É preciso ter sentidos treinados para captar a substância do mundo. Hoje eu consigo escrever essa frase de modo consciente; mas, há 12 anos atrás, foi esse tipo de intuição que me levou ao curso de Letras. Mesmo tendo emergido à consciência, ela continua um norte, uma bússola que me leva nas instâncias artísticas por onde viajo.

Com o despontar da maturidade, a gente sente nos poros um outro tipo de percepção. É como se as lentes fossem todas reajustadas e, de novo, o mundo se assemelha a uma terra  nova, um novo desbravar. Contudo, esse "ajuste de lentes" só é possível àqueles que navegaram nos mares ora calmos, ora bravios, da experiência vivenciada. 

Eu nunca tive - nem tenho - pressa em criar histórias. Em geral, quando mais nova, ainda na faculdade, tive o insight de que, para se contar boas histórias - histórias relevantes, interessantes para o público, que "dessem caldo" - além da técnica (estudada à exaustão de tal modo que se introjetasse no íntimo do criador/autor e fluísse na subjacência textual), é preciso um tempo de maturação pessoal através da vida cotidiana.

Ainda há na Academia uma crença de que o autor não precisa vivenciar o que expressa para expressá-lo. Que tudo pode ser fruto de mera abstração. No entanto, a teoria, na prática, é muito diversa. O poeta pode até ser um fingidor - mas certamente fingirá a partir da veracidade do vizinho, da velhinha do ônibus, da mocinha no metrô, do colega de trabalho. Há sempre que ter um pé na fantasia e outro no cotidiano para que a história seja realmente boa. 

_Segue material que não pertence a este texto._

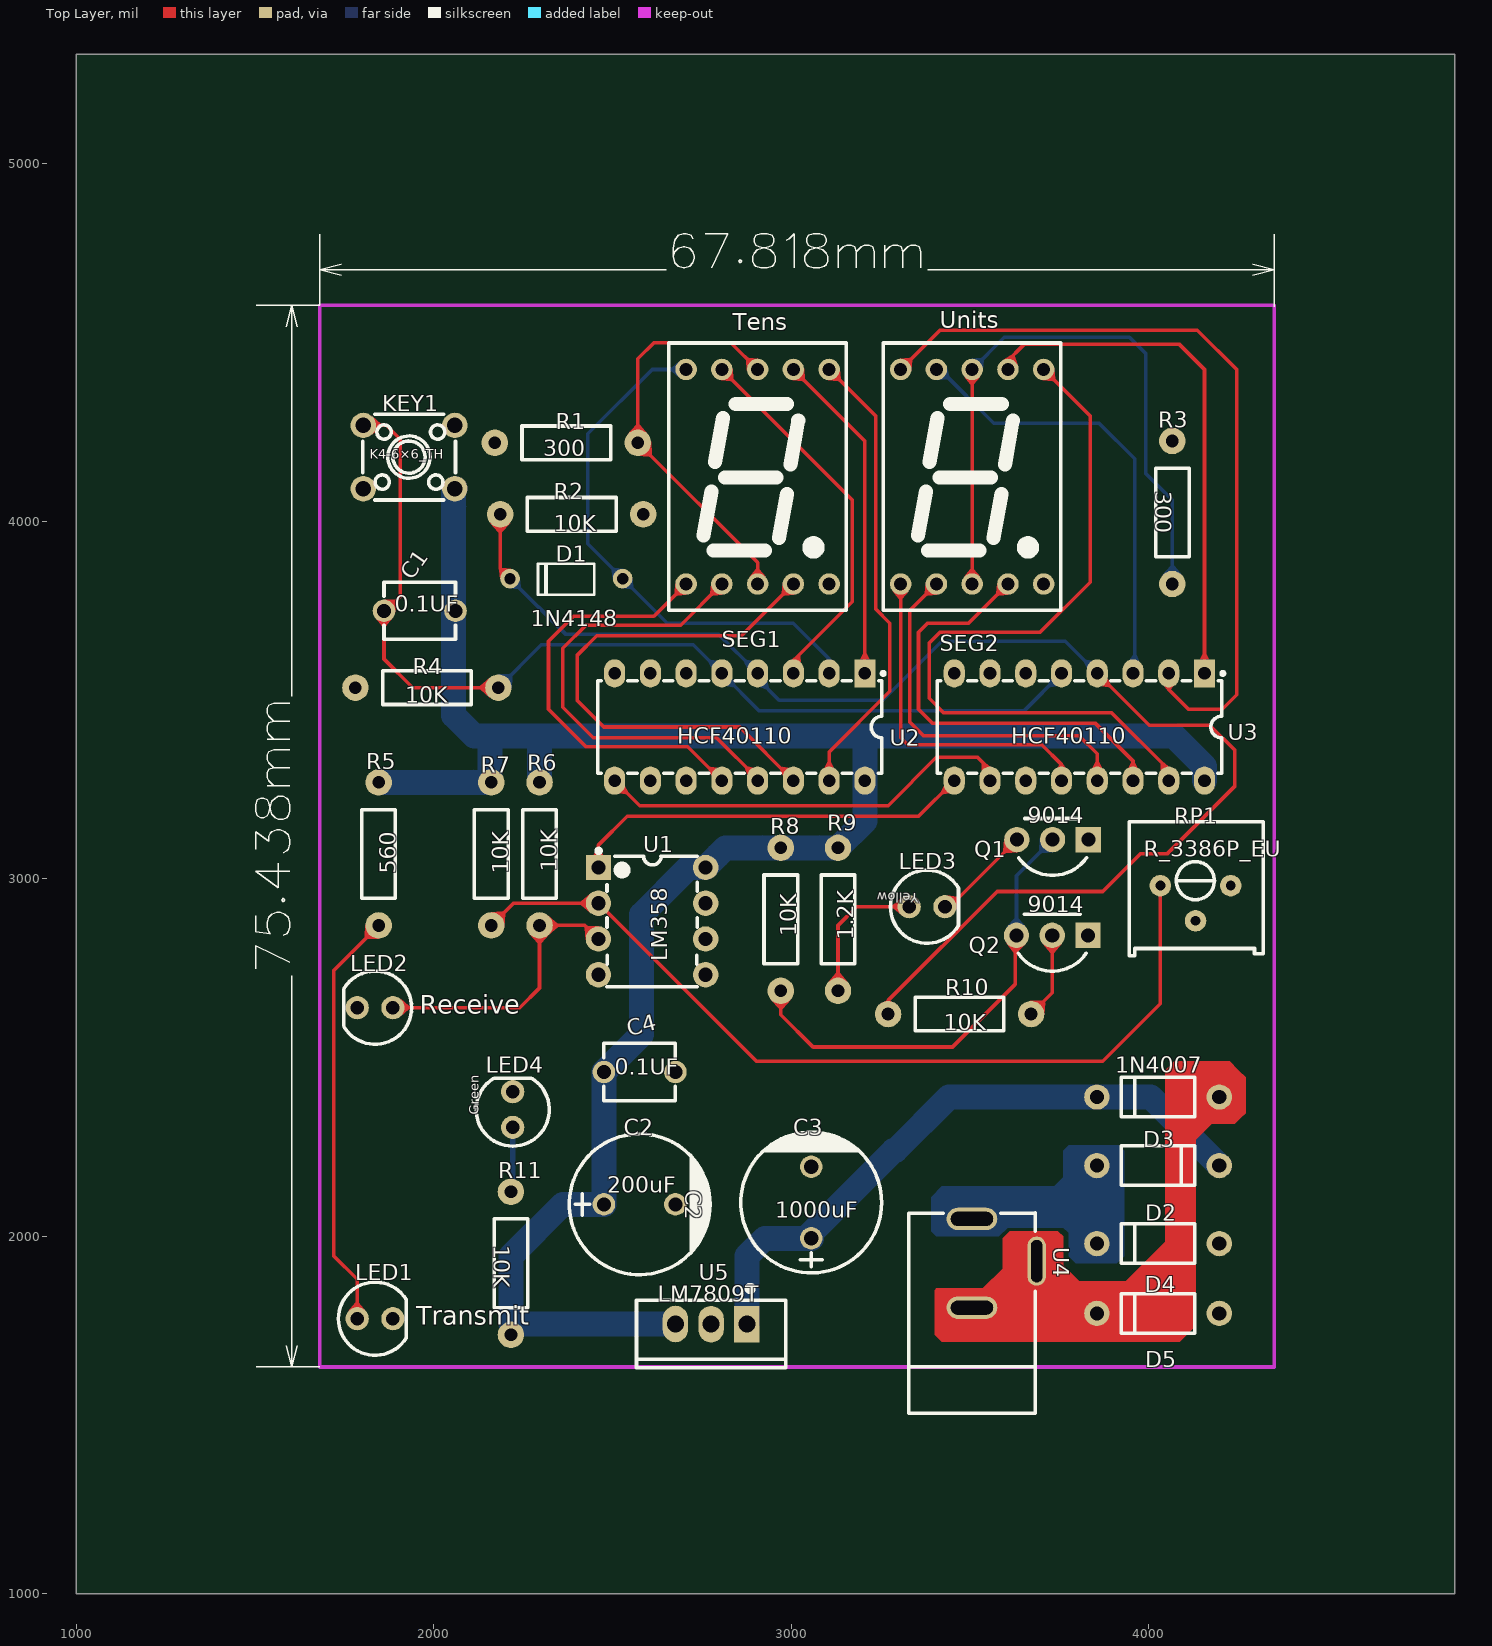
[diagram p0: Top Layer view]
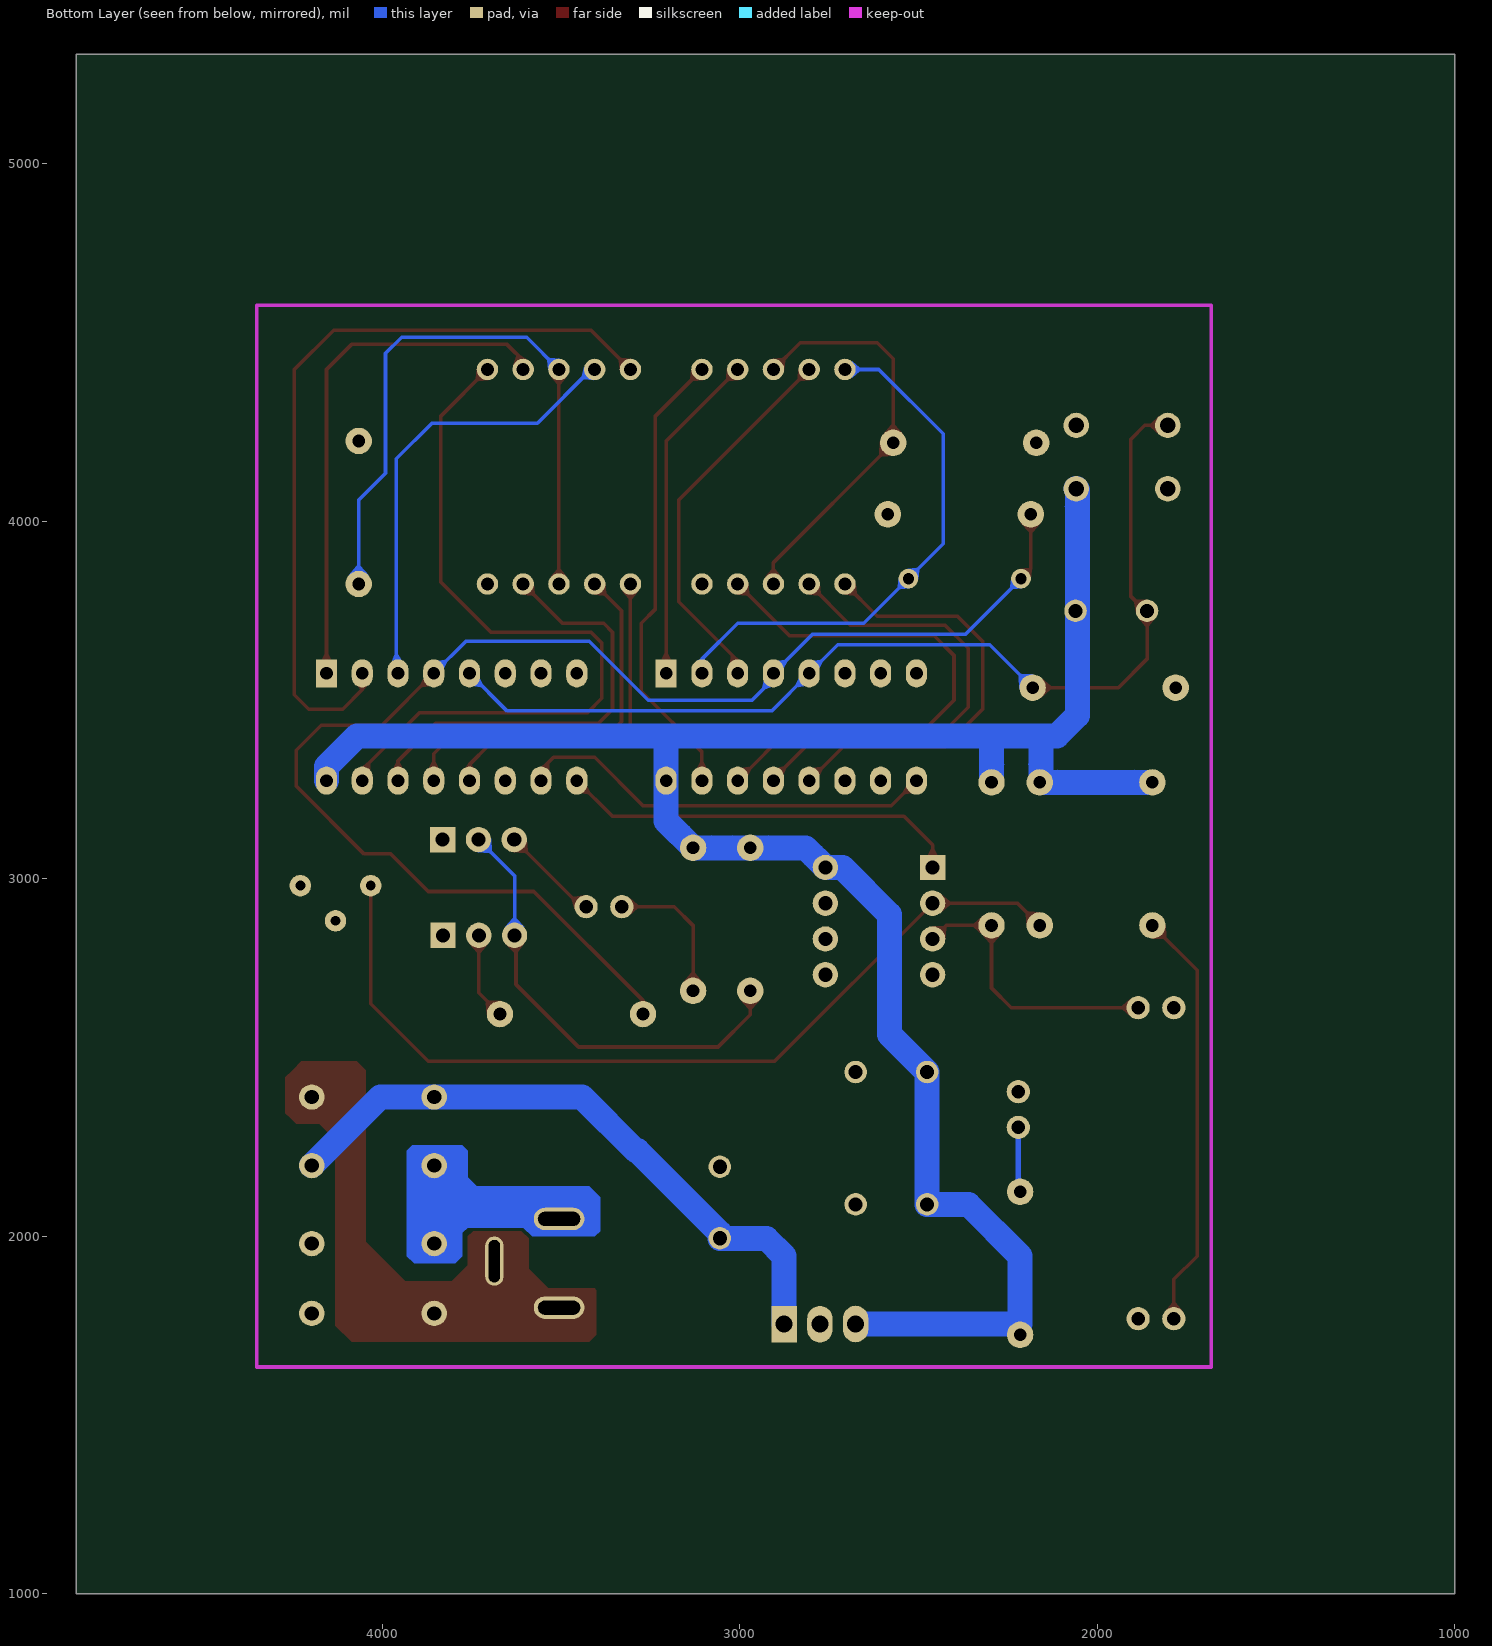
[diagram p1: Bottom Layer view, seen from below]
# Altium PCB MISC82671.pcbdoc
Units mil, origin at the board's own origin, x right, y up, seen from the top; angles counter-clockwise.
Board outline 3855.81 x 4306 mil, 2 copper layers (Top Layer, Bottom Layer); 37 components, 40 nets, 127 pads, 0 vias.

## Layer stack, top to bottom (the 12.6 mil dielectric is the usual default, probably not edited)
Top Solder: solder mask 0.4, Solder Resist, Dk 3.5
Top Layer: signal copper 1.4
Dielectric1: dielectric 12.6, FR-4, Dk 4.8
Bottom Layer: signal copper 1.4
Bottom Solder: solder mask 0.4, Solder Resist, Dk 3.5

## Board outline
4855.81,1000 1000,1000 1000,5306 4855.81,5306

## Design rules (kind name [scope] priority, off if disabled: settings)
Clearance [All] p1: gap=10
PolygonConnect [All] p1: connectstyle=Relief reliefconductorwidth=10 reliefentries=4 polygonreliefangle="90 Angle" airgapwidth=10
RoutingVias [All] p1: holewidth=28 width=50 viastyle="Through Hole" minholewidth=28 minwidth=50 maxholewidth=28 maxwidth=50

É por isso que não sou adepta do fast 'n furious. Como quem cultiva uvas e decanta vinhos, acho que me assemelho mais. Há que conhecer a procedência da semente e as propriedades do solo; cultivar as videiras sob a observação cautelosa do sol, das fases da lua, das pragas, da tábua das marés (no meu caso, que sou criadora à beira-mar) e todas as suscetibilidades do tempo. Colher histórias como quem escolhe as melhores uvas do pé e, numa festa, amassá-las para extrair seu sumo. Conservá-las em barris de carvalho aguardando sua fermentação e maturação até que estejam prontas para o paladar do público, no formato ideal de rótulo e garrafa.

A única diferença é: as uvas e as plantações estão o tempo todo ao redor - a qualquer momento pode-se dar a colheita. E, justamente por isso, a maturação do criador se faz necessária. Frequentemente, a pressa nos faz colher uvas que dão mau vinho.

Not too slow, but not too fast. O timing e a expertise que diferem qualquer história daquela que realmente vale a pena. E não se vende por qualquer preço.

Um comentário:

Unknown disse...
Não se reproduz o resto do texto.